Greg Laughlin is always worth reading. Here’s the relevant paragraph from his post today:“2MASS J20362926-0502285, now much better known as TRAPPIST-1, straddles the boundary between the lowest mass main sequence stars and the highest mass brown dwarfs. Depending on precisely what its mass and metallicity turn out to be, it could either be arriving at self-sustaining core hydrogen fusion, which would make it a main sequence star (about a 60% chance) or it could be currently achieving its peak brown dwarf luminosity and bracing for a near-eternity of cooling into obscurity (about a 40% chance).”Also quite interesting here is his take on the future of this system, assuming TRAPPIST-1 is indeed a main sequence star:“An object with solar composition and 0.08 solar masses never turns into a red giant. As time goes on, it maintains a near-constant radius, and slowly burns nearly all of its hydrogen into helium. In roughly 10 trillion years, TRAPPIST-1 will reach a maximum temperature of ~4000K, pushing it briefly toward K-dwarf status for a few tens of billions of years, before eventually running out of fuel and fading out as a degenerate helium dwarf.”
An interesting thought has occurred to me. ...
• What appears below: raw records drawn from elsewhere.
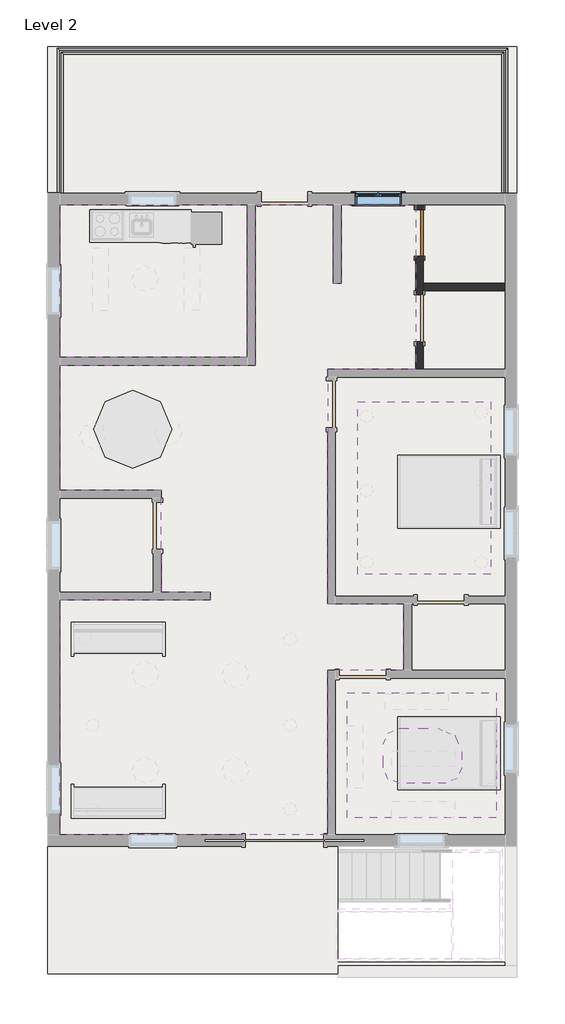
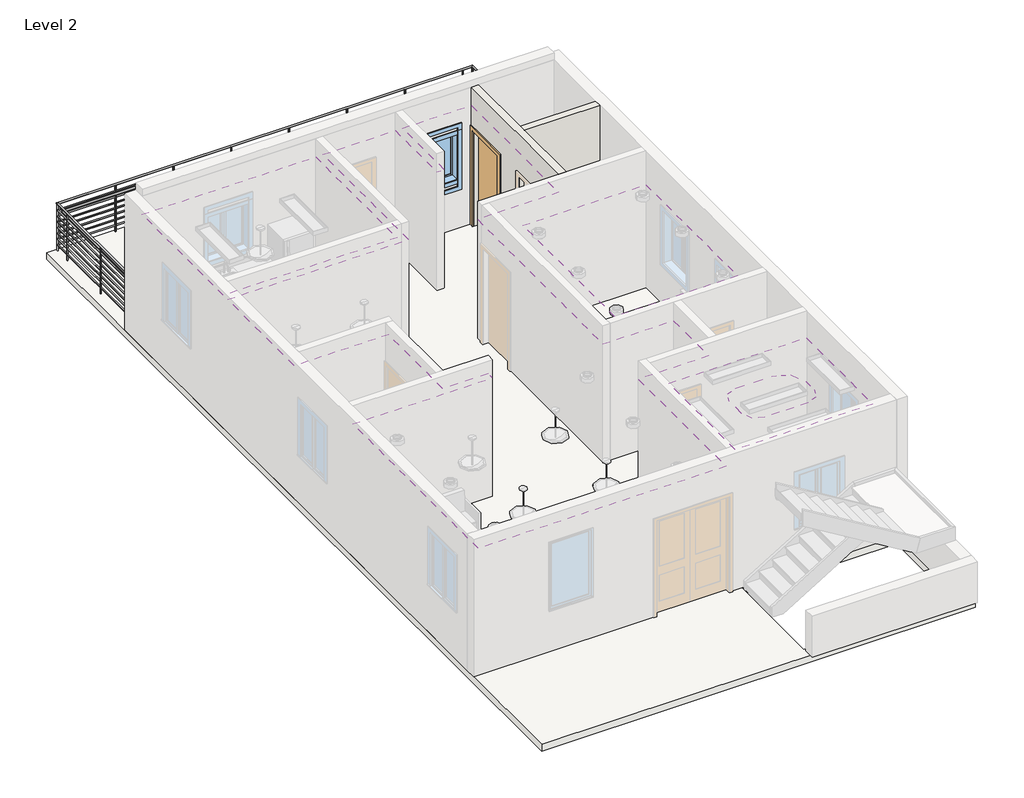
# One storey, part 2 of 3: 7 coverings, 2 walls, 2 windows, 1 door, 1 railing, 1 slab.
"""IFC4 building model written with IfcOpenShell, lengths in millimetres."""

from ifc_helpers import new_model, si_unit, point, frame, frame_2d, origin, place, context, project, spatial, polyline, circle_curve, ellipse_curve, trimmed, segment, composite_curve, outline, extrude, faceted_brep, transform, mapped, element, save
from ifc_brep_helpers import plane_surface, cylinder_surface, advanced_brep
from components import single_flush_single_door_686f89d2, window_419b5846

model = new_model("IFC4")

# Units and contexts
model_context = context("Model", 3, world=origin())
ifc_project = project(units=[si_unit("LENGTHUNIT", "METRE", prefix="MILLI")], contexts=[model_context])

# Site, building, storey
site = spatial("IfcSite", under=ifc_project)
building = spatial("IfcBuilding", under=site)
storey = spatial("IfcBuildingStorey", under=building, Name="Level 2", Elevation=3200.4)

# Coverings
placement = place(None, origin())
element("IfcCovering", 1, ObjectType="design", at=placement, inside=storey, context=model_context, shape_type="SweptSolid", body=[
    extrude(outline(polyline([(-1441.8942717, 10130.0102367), (-1441.8942717, 6777.2102367), (-4032.6942717, 6777.2102367), (-4032.6942717, 10130.0102367), (-1441.8942717, 10130.0102367)]), holes=[composite_curve([segment(polyline([(-1961.8324971, 9831.2802454), (-3524.6942717, 9831.2802454)]), True, "CONTINUOUS"), segment(trimmed(circle_curve(frame_2d((-3524.6942717, 9628.0802454)), 203.2), [point((-3524.6942717, 9831.2802454))], [point((-3727.8942717, 9628.0802454))], True, "CARTESIAN"), True, "CONTINUOUS"), segment(polyline([(-3727.8942717, 9628.0802454), (-3727.8942717, 7367.4802454)]), True, "CONTINUOUS"), segment(trimmed(circle_curve(frame_2d((-3397.6942717, 7367.4802454)), 330.2), [point((-3727.8942717, 7367.4802454))], [point((-3397.6942717, 7037.2802454))], True, "CARTESIAN"), True, "CONTINUOUS"), segment(polyline([(-3397.6942717, 7037.2802454), (-2178.4942717, 7037.2802454)]), True, "CONTINUOUS"), segment(trimmed(circle_curve(frame_2d((-2178.4942717, 7469.0802454)), 431.8), [point((-2178.4942717, 7037.2802454))], [point((-1746.6942717, 7469.0802454))], True, "CARTESIAN"), True, "CONTINUOUS"), segment(polyline([(-1746.6942717, 7469.0802454), (-1746.6942717, 9616.14202)]), True, "CONTINUOUS"), segment(trimmed(circle_curve(frame_2d((-1961.8324971, 9616.14202)), 215.1382254), [point((-1746.6942717, 9616.14202))], [point((-1961.8324971, 9831.2802454))], True, "CARTESIAN"), True, "CONTINUOUS")], self_intersect=False)]), frame((0.0, 0.0, 5892.8), z_axis=(0.0, 0.0, 1.0), x_axis=(1.0, 0.0, 0.0)), (0.0, 0.0, 1.0), 50.8),
])
element("IfcCovering", 2, ObjectType="design", at=placement, inside=storey, context=model_context, shape_type="SweptSolid", body=[
    extrude(outline(polyline([(-1336.1469547, 4466.8667258), (-1336.1469547, 2028.4667258), (-4231.7469547, 2028.4667258), (-4231.7469547, 4466.8667258), (-1336.1469547, 4466.8667258)]), holes=[polyline([(-1663.4737397, 4144.2687658), (-3949.4737397, 4144.2687658), (-3949.4737397, 2315.4687658), (-1663.4737397, 2315.4687658), (-1663.4737397, 4144.2687658)])]), frame((0.0, 0.0, 5880.0205268), z_axis=(0.0, 0.0, 1.0), x_axis=(1.0, 0.0, 0.0)), (0.0, 0.0, 1.0), 50.8),
])
element("IfcCovering", 3, ObjectType="inner", at=placement, inside=storey, context=model_context, shape_type="SweptSolid", body=[
    extrude(outline(composite_curve([segment(trimmed(circle_curve(frame_2d((-2465.984708, 3312.1230358)), 457.2), [point((-2465.984708, 3769.3230358))], [point((-2008.784708, 3312.1230358))], False, "CARTESIAN"), True, "CONTINUOUS"), segment(polyline([(-2008.784708, 3312.1230358), (-2008.784708, 3007.3230358)]), True, "CONTINUOUS"), segment(trimmed(circle_curve(frame_2d((-2313.584708, 3007.3230358)), 304.8), [point((-2008.784708, 3007.3230358))], [point((-2313.584708, 2702.5230358))], False, "CARTESIAN"), True, "CONTINUOUS"), segment(polyline([(-2313.584708, 2702.5230358), (-3227.984708, 2702.5230358)]), True, "CONTINUOUS"), segment(trimmed(circle_curve(frame_2d((-3227.984708, 3007.3230358)), 304.8), [point((-3227.984708, 2702.5230358))], [point((-3532.784708, 3007.3230358))], False, "CARTESIAN"), True, "CONTINUOUS"), segment(polyline([(-3532.784708, 3007.3230358), (-3532.784708, 3464.5230358)]), True, "CONTINUOUS"), segment(trimmed(circle_curve(frame_2d((-3227.984708, 3464.5230358)), 304.8), [point((-3532.784708, 3464.5230358))], [point((-3227.984708, 3769.3230358))], False, "CARTESIAN"), True, "CONTINUOUS"), segment(polyline([(-3227.984708, 3769.3230358), (-2465.984708, 3769.3230358)]), True, "CONTINUOUS")], self_intersect=False)), frame((0.0, 0.0, 5842.0), z_axis=(0.0, 0.0, 1.0), x_axis=(1.0, 0.0, 0.0)), (0.0, 0.0, 1.0), 50.8),
])
element("IfcCovering", 4, ObjectType="inner", at=placement, inside=storey, context=model_context, shape_type="SweptSolid", body=[
    extrude(outline(polyline([(-4619.1572065, 4901.2206867), (-4619.1572065, 1700.8206867), (-9838.8572065, 1700.8206867), (-9838.8572065, 6272.8206867), (-6905.1572065, 6272.8206867), (-6905.1572065, 6425.2206867), (-7857.6572065, 6425.2206867), (-7857.6572065, 8406.4206867), (-9838.8572065, 8406.4206867), (-9838.8572065, 10844.8206867), (-6028.8572065, 10844.8206867), (-6028.8572065, 13969.0206867), (-4504.8572065, 13969.0206867), (-4504.8572065, 12445.0206867), (-4352.4572065, 12445.0206867), (-4352.4572065, 13969.0206867), (-2904.6572065, 13969.0206867), (-2904.6572065, 10768.6206867), (-4619.1572065, 10768.6206867), (-4619.1572065, 6196.6206867), (-3133.2572065, 6196.6206867), (-3133.2572065, 4901.2206867), (-4619.1572065, 4901.2206867)])), frame((0.0, 0.0, 5842.0), z_axis=(0.0, 0.0, 1.0), x_axis=(1.0, 0.0, 0.0)), (0.0, 0.0, 1.0), 50.8),
])
element("IfcCovering", 5, ObjectType="inner", at=placement, inside=storey, context=model_context, shape_type="SweptSolid", body=[
    extrude(outline(polyline([(-4619.1572065, 4901.2206867), (-4619.1572065, 1700.8206867), (-9838.8572065, 1700.8206867), (-9838.8572065, 6272.8206867), (-6905.1572065, 6272.8206867), (-6905.1572065, 6425.2206867), (-7857.6572065, 6425.2206867), (-7857.6572065, 8406.4206867), (-9838.8572065, 8406.4206867), (-9838.8572065, 10844.8206867), (-6028.8572065, 10844.8206867), (-6028.8572065, 13969.0206867), (-4504.8572065, 13969.0206867), (-4504.8572065, 12445.0206867), (-4352.4572065, 12445.0206867), (-4352.4572065, 13969.0206867), (-2904.6572065, 13969.0206867), (-2904.6572065, 10768.6206867), (-4619.1572065, 10768.6206867), (-4619.1572065, 6196.6206867), (-3133.2572065, 6196.6206867), (-3133.2572065, 4901.2206867), (-4619.1572065, 4901.2206867)])), frame((0.0, 0.0, 5842.0), z_axis=(0.0, 0.0, 1.0), x_axis=(1.0, 0.0, 0.0)), (0.0, 0.0, 1.0), 50.8),
])
element("IfcCovering", 6, ObjectType="inner", at=placement, inside=storey, context=model_context, shape_type="SweptSolid", body=[
    extrude(outline(polyline([(-9838.8572065, 13969.0206867), (-6181.2572065, 13969.0206867), (-6181.2572065, 10997.2206867), (-9838.8572065, 10997.2206867), (-9838.8572065, 13969.0206867)])), frame((0.0, 0.0, 5842.0), z_axis=(0.0, 0.0, 1.0), x_axis=(1.0, 0.0, 0.0)), (0.0, 0.0, 1.0), 50.8),
])
element("IfcCovering", 7, ObjectType="inner", at=placement, inside=storey, context=model_context, shape_type="SweptSolid", body=[
    extrude(outline(polyline([(-9838.8572065, 13969.0206867), (-6181.2572065, 13969.0206867), (-6181.2572065, 10997.2206867), (-9838.8572065, 10997.2206867), (-9838.8572065, 13969.0206867)])), frame((0.0, 0.0, 5842.0), z_axis=(0.0, 0.0, 1.0), x_axis=(1.0, 0.0, 0.0)), (0.0, 0.0, 1.0), 50.8),
])

# Door
single_flush_single_door_shape = single_flush_single_door_686f89d2(model_context)
element("IfcDoor", 8, ObjectType="Single-Flush : single door", at=placement, inside=storey, context=model_context, shape_type="MappedRepresentation", body=[
    mapped(single_flush_single_door_shape, transform((-2828.4572065, 13422.9206867, 3200.4), x_axis=(0.0, 1.0, 0.0), y_axis=(-1.0, 0.0, 0.0), z_axis=(0.0, 0.0, 1.0))),
])

# Railing
element("IfcRailing", 9, ObjectType="Guardrail - Pipe", at=placement, inside=storey, context=model_context, shape_type="SolidModel", body=[
    advanced_brep(
    [(-9769.0072065, 14210.3206867, 4095.75), (-9807.1072065, 14210.3206867, 4095.75), (-9769.0072065, 16909.0706867, 4095.75), (-9807.1072065, 16947.1706867, 4095.75), (-1221.9072065, 16909.0706867, 4095.75), (-1183.8072065, 16947.1706867, 4095.75), (-1221.9072065, 14210.3206867, 4095.75), (-1183.8072065, 14210.3206867, 4095.75)],
    [
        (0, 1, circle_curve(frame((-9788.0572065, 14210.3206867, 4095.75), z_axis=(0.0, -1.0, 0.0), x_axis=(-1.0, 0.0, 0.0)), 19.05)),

Quote from: JasonAW3 on 02/23/2017 06:24 pmAn interesting thought has occurred to me. ...That's not quite how it works. The star is, by far, the dominant tidal influence on the planet's rotation states.Test your idea though: The mass ratio of TRAPPIST-1 to its planets is about the same as that of Jupiter to its moons, Saturn to its moons, and Uranus to its moons, with rather similar levels of compactness (Jupiter being somewhat less of course). What are the rotation states are the moons of Jupiter, Saturn, and Uranus?(Also, I suspect the torque on a planet's rotation by a passing planet would probably average to zero, given circular orbits)
By the way there's a special Google Doodle today celebrating this discovery.IAU really need to give this star a proper name.
[W]ater vapor in the upper atmosphere could photo-dissociate and sustain an outflow of escaping hydrogen. The stellar Ly-α line is bright enough to perform transit spectroscopy, and we detect marginal flux decreases in localized, high-velocity ranges during the transit of planet b, and shortly after thetransit of planet c. This could hint at the presence of extended hydrogen exospheres around the two inner planets, and suggest that atmospheric escape might play an active role in the evolution of all TRAPPIST-1 planets.
What impact could larger planets such as gas and ice giants further out in the system have on the habitability of these rocky worlds?